Eu tinha uma certeza: não queria repetir fórmulas, formas. Queria experimentar, ousar, descobrir, provar de tudo um pouco… até compreender o humano que eu era. Abusei dos excessos, enganos. Somei e subtrai com a mesma voracidade. Encarei o espelho e celebrei meus cabelos brancos no meio da segunda década de vida.
A mulher que eu sou… é causa-consequência de todas as escolhas feitas, decisões de momento ou de uma vida inteira. Sei de que gosto — do que não é lugar comum — o que sinto — amor e ódio em proporções iguais — e penso — nada é para sempre, absolutamente tudo é para nunca mais — e, principalmente, sei o que vejo quando encaro o espelho pela manhã, após molhar o rosto com água fria…
Uma mulher que ama-odeia-tropeça-cai-se-levanta, que gosta de percorrer calçadas, atravessar ruas, dobrar esquinas, tropeçar em vultos humanos — reais ou imaginários —, contornos urbanos, pisar poças, observar cotidianos impossíveis-improváveis.

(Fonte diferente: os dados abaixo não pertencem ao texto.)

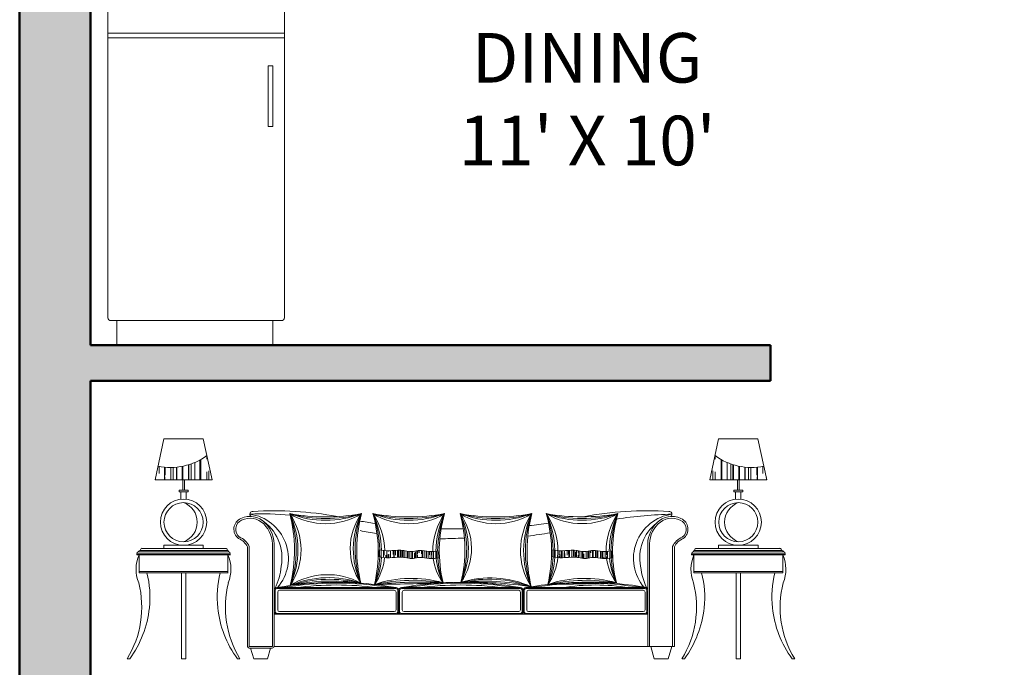
# Model space of a CAD drawing. Units: inches. Extents: x 1771 to 3025, y 319 to 889.
# Tile 7 of 35: x 1800 to 1939, y 713 to 805. Entities that reach past the tile are written whole.
import ezdxf

# ---------------------------------------------------------------- set-up
doc = ezdxf.new("R2010")
doc.units = ezdxf.units.IN
doc.header["$MEASUREMENT"] = 0
doc.set_wipeout_variables(frame=1)
for name, color, linetype, lineweight in [('A-AREA-IDEN', 241, 'Continuous', 25), ('A-FURN', 8, 'Continuous', 18), ('A-WALL', 7, 'Continuous', 50), ('A-WALL-PATT', 254, 'Continuous', 13)]:
    doc.layers.add(name, color=color, linetype=linetype, lineweight=lineweight)
doc.styles.get("Standard").update_dxf_attribs({"font": 'arial.ttf'})

# ---------------------------------------------------------------- blocks, each defined once
blk = doc.blocks.new('A$C301F3DA3')
for p, q in [((156.7, 1006), (206.7, 1236)), ((206.7, 1236), (427.8, 1236)), ((477.8, 1006), (427.8, 1236)), ((3275.4, 1006), (3325.4, 1236)), ((3546.5, 1236), (3325.4, 1236)), ((3596.5, 1006), (3546.5, 1236)), ((409.5, 1006), (409.5, 1117.6)), ((411, 1006), (411, 1118.4)), ((414, 1006), (414, 1120.1)), ((447.5, 1121.4), (447.5, 1141.6)), ((3305.7, 1121.4), (3305.7, 1141.6)), ((3339.2, 1006), (3339.2, 1120.1)), ((3342.2, 1006), (3342.2, 1118.4)), ((3343.7, 1006), (3343.7, 1117.6)), ((179.5, 1041.4), (179.5, 1081.1)), ((209.5, 1006), (209.5, 1076.8)), ((211.5, 1060.9), (211.5, 1076.6)), ((213, 1031.4), (213, 1076.5)), ((246.5, 1006), (246.5, 1075.2)), ((259.5, 1006), (259.5, 1075.6)), ((278, 1006), (278, 1073.4)), ((280, 1006), (280, 1077.1)), ((309.5, 1006), (309.5, 1081.6)), ((313.5, 1006), (313.5, 1082.4)), ((344.5, 1006), (344.5, 1090.3)), ((347, 1006), (347, 1091.1)), ((359.5, 1006), (359.5, 1095.2)), ((380.5, 1006), (380.5, 1103.5)), ((459.5, 1006), (459.5, 1056.4)), ((3293.7, 1006), (3293.7, 1056.4)), ((3372.7, 1006), (3372.7, 1103.5)), ((3393.7, 1006), (3393.7, 1095.2)), ((3406.2, 1006), (3406.2, 1091.1)), ((3408.7, 1006), (3408.7, 1090.3)), ((3439.7, 1006), (3439.7, 1082.4)), ((3443.7, 1006), (3443.7, 1081.6)), ((3473.2, 1006), (3473.2, 1077.1)), ((3475.2, 1006), (3475.2, 1073.4)), ((3493.7, 1006), (3493.7, 1075.6)), ((3506.7, 1006), (3506.7, 1075.2)), ((3540.2, 1031.4), (3540.2, 1076.5)), ((3541.7, 1060.9), (3541.7, 1076.6)), ((3543.7, 1006), (3543.7, 1076.8)), ((3573.7, 1041.4), (3573.7, 1081.1)), ((156.7, 1006), (477.8, 1006)), ((159.5, 1006), (159.5, 1019)), ((211.5, 1006), (211.5, 1023.4)), ((312.2, 948), (312.2, 1006)), ((322.2, 948), (322.2, 1006)), ((322.2, 948), (322.2, 1006)), ((447.5, 1006), (447.5, 1051.4)), ((477.5, 1006), (477.5, 1007.2)), ((3596.5, 1006), (3275.4, 1006)), ((3275.7, 1006), (3275.7, 1007.2)), ((3305.7, 1006), (3305.7, 1051.4)), ((3431, 948), (3431, 1006)), ((3431, 948), (3431, 1006)), ((3441, 948), (3441, 1006)), ((3541.7, 1006), (3541.7, 1023.4)), ((3593.7, 1006), (3593.7, 1019)), ((292.2, 938), (292.2, 948)), ((342.2, 948), (292.2, 948)), ((342.2, 938), (342.2, 948)), ((3411, 938), (3411, 948)), ((3411, 948), (3461, 948)), ((3461, 938), (3461, 948)), ((342.2, 938), (292.2, 938)), ((302.2, 896.9), (302.2, 938)), ((332.2, 896.9), (332.2, 938)), ((3411, 938), (3461, 938)), ((3421, 896.9), (3421, 938)), ((3451, 896.9), (3451, 938)), ((557.5, 620.8), (82.9, 620.8)), ((206.3, 637.8), (428.1, 637.8)), ((206.3, 637.8), (206.3, 620.8)), ((428.1, 637.8), (428.1, 620.8)), ((3195.6, 620.8), (3670.3, 620.8)), ((3546.9, 637.8), (3325, 637.8)), ((3325, 637.8), (3325, 620.8)), ((3546.9, 637.8), (3546.9, 620.8)), ((53.7, 590.8), (53.7, 584.4)), ((67.1, 584.4), (67.1, 484)), ((565.7, 608.8), (75.3, 608.8)), ((557.5, 608.8), (82.9, 608.8)), ((566.3, 584.4), (566.3, 484)), ((3186.9, 584.4), (3186.9, 484)), ((3187.5, 608.8), (3677.9, 608.8)), ((3195.6, 608.8), (3670.3, 608.8)), ((3686.1, 584.4), (3686.1, 484)), ((3699.5, 590.8), (3699.5, 584.4)), ((567.3, 490), (67.1, 490)), ((567.3, 484), (67.1, 484)), ((305.2, 484), (305.2, 0)), ((329.2, 484), (329.2, 0)), ((3185.9, 490), (3686.1, 490)), ((3185.9, 484), (3686.1, 484)), ((3424, 484), (3424, 0)), ((3448, 484), (3448, 0)), ((0, 0), (14.7, 0)), ((329.2, 0), (305.2, 0)), ((3424, 0), (3448, 0)), ((3753.2, 0), (3738.4, 0))]:
    blk.add_line(p, q)
for centre, radius in [((317.2, 767.8), 130), ((3436, 767.8), 130), ((317.2, 767.8), 110), ((3436, 767.8), 110)]:
    blk.add_circle(centre, radius)
for centre, radius, start, end in [((243.2, 1422.6), 347.4, 258.3829, 306.1467), ((3510, 1422.6), 347.4, 233.8533, 281.6171), ((276.7, 767.8), 117.2, 290.217, 69.783), ((3476.5, 767.8), 117.2, 110.217, 249.783), ((86.1, 609.2), 12.1, 105.2269, 181.3736), ((551.7, 609.3), 12.5, 357.6342, 66.9804), ((3201.5, 609.3), 12.5, 113.0196, 182.3658), ((3667.1, 609.2), 12.1, 358.6264, 74.7731), ((250.8, 503.3), 200.8, 156.1653, 202.3822), ((63.8, 591), 10.1, 100.6467, 181.1131), ((74, 595.7), 13.1, 84.2874, 156.7847), ((561.8, 599.3), 9.8, 9.6184, 76.537), ((3191.3, 599.3), 9.8, 103.463, 170.3816), ((3679.2, 595.7), 13.1, 23.2153, 95.7126), ((3502.4, 503.3), 200.8, 337.6178, 23.8347), ((3689.4, 591), 10.1, 358.8869, 79.3533), ((-428.9, 346.4), 557.3, 353.825, 14.2983), ((1063.3, 346.4), 557.3, 165.7017, 186.175), ((2689.9, 346.4), 557.3, 353.825, 14.2983), ((4182.1, 346.4), 557.3, 165.7017, 186.175), ((-472, 290.4), 554.2, 328.3965, 14.2533), ((4225.2, 290.4), 554.2, 165.7467, 211.6035), ((-467.1, 350.3), 595.7, 323.9815, 353.8447), ((4220.2, 350.3), 595.7, 186.1553, 216.0185)]:
    blk.add_arc(centre, radius, start, end)
blk.add_wipeout([(3041.8, 0), (2963.5, 0), (2943.5, 70), (826.6, 70), (824.2, 65.5), (819.2, 61.4), (815.3, 60), (806.8, 60), (789.7, 0), (711.4, 0), (694.3, 60), (685.4, 60), (681.9, 61.7), (678.1, 65.9), (676.6, 70), (676.6, 628.7), (667.5, 644), (650.9, 661.4), (635.1, 671.5), (625.4, 676.3), (610.1, 693.4), (602.5, 710.5), (600.1, 728.4), (604.2, 751.4), (623, 778.5), (639.5, 788.9), (669, 798), (689.6, 799.7), (696.6, 800), (691.2, 806.8), (690.2, 814.9), (693.8, 823.2), (701.1, 828), (705.9, 828.8), (865.5, 832), (984.1, 825.9), (1111.6, 811), (1170.7, 801.2), (1180.3, 799.4), (1231.4, 803.5), (1293.2, 811.6), (1317.6, 815.8), (1310.3, 786.3), (1307.6, 774.2), (1389.8, 761.2), (1393.6, 767.5), (1388.1, 790.9), (1381.5, 815.8), (1418.2, 809.7), (1480.9, 802.2), (1546.1, 798.2), (1588.9, 797.6), (1683.4, 802), (1730, 807.2), (1784.7, 815.8), (1774.6, 776.7), (1767.8, 744), (1769.2, 730.8), (1890.2, 730.7), (1884.7, 761.4), (1877, 795.8), (1871.7, 815.8), (1919.1, 808.2), (1966.4, 802.7), (2026, 798.6), (2073.3, 797.6), (2145.9, 799.9), (2221.5, 807.4), (2273.8, 815.4), (2267.3, 783.6), (2260.5, 748.2), (2369.1, 762), (2361.7, 794), (2355.9, 815.8), (2402.1, 808.4), (2442.8, 803.5), (2477.3, 800.5), (2535.4, 797.9), (2572.4, 797.9), (2610.4, 806.1), (2648.6, 812), (2670.2, 815.1), (2740.7, 823.3), (2819.6, 829.3), (2905.4, 832.2), (2981.5, 831.5), (3045.3, 828.6), (3053.9, 827.3), (3059.6, 822.9), (3062.8, 816.3), (3062.9, 810.1), (3060.6, 804.3), (3056.6, 800), (3070.6, 799.5), (3085.9, 797.7), (3105.1, 792.4), (3120.7, 785.3), (3134.4, 774.5), (3143.7, 762.3), (3150.7, 746.2), (3153, 725.9), (3150.1, 708.7), (3142.9, 693.1), (3133.2, 681), (3126.6, 675.3), (3114.9, 669.8), (3100.2, 659.6), (3082.1, 638.7), (3076.6, 628.7), (3076.6, 70), (3061.8, 70)])
for p, q in [((3056.6, 800), (3056.6, 799.5)), ((676.6, 70), (676.6, 628.7)), ((686.6, 70), (686.6, 630.8)), ((816.6, 70), (816.6, 647.2)), ((826.6, 70), (826.6, 627.7)), ((2926.6, 70), (2926.6, 647.2)), ((2936.6, 70), (2936.6, 647.2)), ((3066.6, 70), (3066.6, 630.8)), ((3076.6, 70), (3076.6, 628.7)), ((580.7, 590.8), (53.7, 590.8)), ((580.7, 584.4), (53.7, 584.4)), ((61.9, 600.9), (572.5, 600.9)), ((579.7, 590.8), (579.7, 584.4)), ((3172.5, 590.8), (3699.5, 590.8)), ((3172.5, 584.4), (3699.5, 584.4)), ((3173.5, 590.8), (3173.5, 584.4)), ((3691.3, 600.9), (3180.7, 600.9)), ((826.6, 400), (826.6, 265)), ((1511.6, 400), (841.6, 400)), ((1511.2, 395), (841.6, 395)), ((1541.6, 400), (2211.6, 400)), ((1542, 395), (2211.2, 395)), ((2241.6, 400), (2911.6, 400)), ((2242, 395), (2911.2, 395)), ((846.6, 275), (846.6, 375)), ((856.6, 385), (1501.6, 385)), ((1511.6, 375), (1511.6, 275)), ((1526.6, 265), (1526.6, 385)), ((1526.6, 265), (1526.6, 385)), ((1531.6, 265.4), (1531.6, 384.6)), ((1546.6, 275), (1546.6, 375)), ((1556.6, 385), (2201.6, 385)), ((2211.6, 375), (2211.6, 275)), ((2221.6, 384.6), (2221.6, 265.4)), ((2226.6, 265), (2226.6, 385)), ((2226.6, 385), (2226.6, 265)), ((2231.6, 265.4), (2231.6, 384.6)), ((2246.6, 275), (2246.6, 375)), ((2256.6, 385), (2901.6, 385)), ((2911.6, 375), (2911.6, 275)), ((2921.6, 384.6), (2921.6, 265.4)), ((1511.6, 250), (826.6, 250)), ((2926.6, 250), (826.6, 250)), ((841.6, 250), (1511.6, 250)), ((842, 255), (1511.6, 255)), ((1501.6, 265), (856.6, 265)), ((2211.6, 255), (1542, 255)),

E que sabe, conscientemente que, se lhe fosse dado o direito de nascer de novo… seria na mesma pele — porque nascer nos coloca em igual condição: uma multidão de nada-ninguém.
Texto publicado na Revista Plural 21 — edição de março de 2019
b.e.d.a — blog every day august —
Adriana Aneli — Claudia Leonardi — Darlene Regina
Mariana Gouveia — Obdulio Nuñes Ortega — Viviane Almeida
Como é complicado nos ajustarmos aos olhos dos outros, até entendermos nossa própria identidade pessoal. Mesmo assim, nada é tudo resolvido de maneira tão simples. É uma construção adaptada às condições internas sempre mutantes. Constante e, de certa forma, sem fim.
Tenho pensado muito no tema.
Não em comparação com o homem, mas a mulher é especial por si própria.
Há verbos q estão muito ligado a nós, e q podem fazer a mudança numa sociedade.
As pessoas teimam em estender rótulos: Nos rotulam pelas roupas,gestos, gostos, aptidões. Se não tivermos atenção, nos embalam para presente, apertam, moldam, entregam. E a vida se vai, distribuída em moldes, cópia da cópia, inexpressiva. Como é difícil nadar e fugir, descobrir em nosso próprio caos a ponta do Ice Berg de quem somos.
Abraços
Mais um texto que mostra a inteligência limitada de pessoas que ao invés de se socializar, preferem ficar em seu mundo, rotulando e discriminando o outro. É lamentável o ser humano contemporâneo, sendo que isso vem atravessando os séculos, então nem sei mais o que falar.
Essa coisa de rotular as pessoas é algo no qual sempre me pego pensando. Na realidade, é um trabalho diário para desaprender a fazer isso, porque acredito que a sociedade incute em nós esse hábito e que, se pararmos para pensar só um pouquinho, veremos que é algo sem sentido e completamente desnecessário. E mais, rotulamos não só aos outros, mas a nós mesmos e assim nos limitamos. E tendemos a não gostar do outro por um rotulo que nós mesmo atribuímos, isso é tão sem sentido! Ainda temos muito o que evoluir como humanidade…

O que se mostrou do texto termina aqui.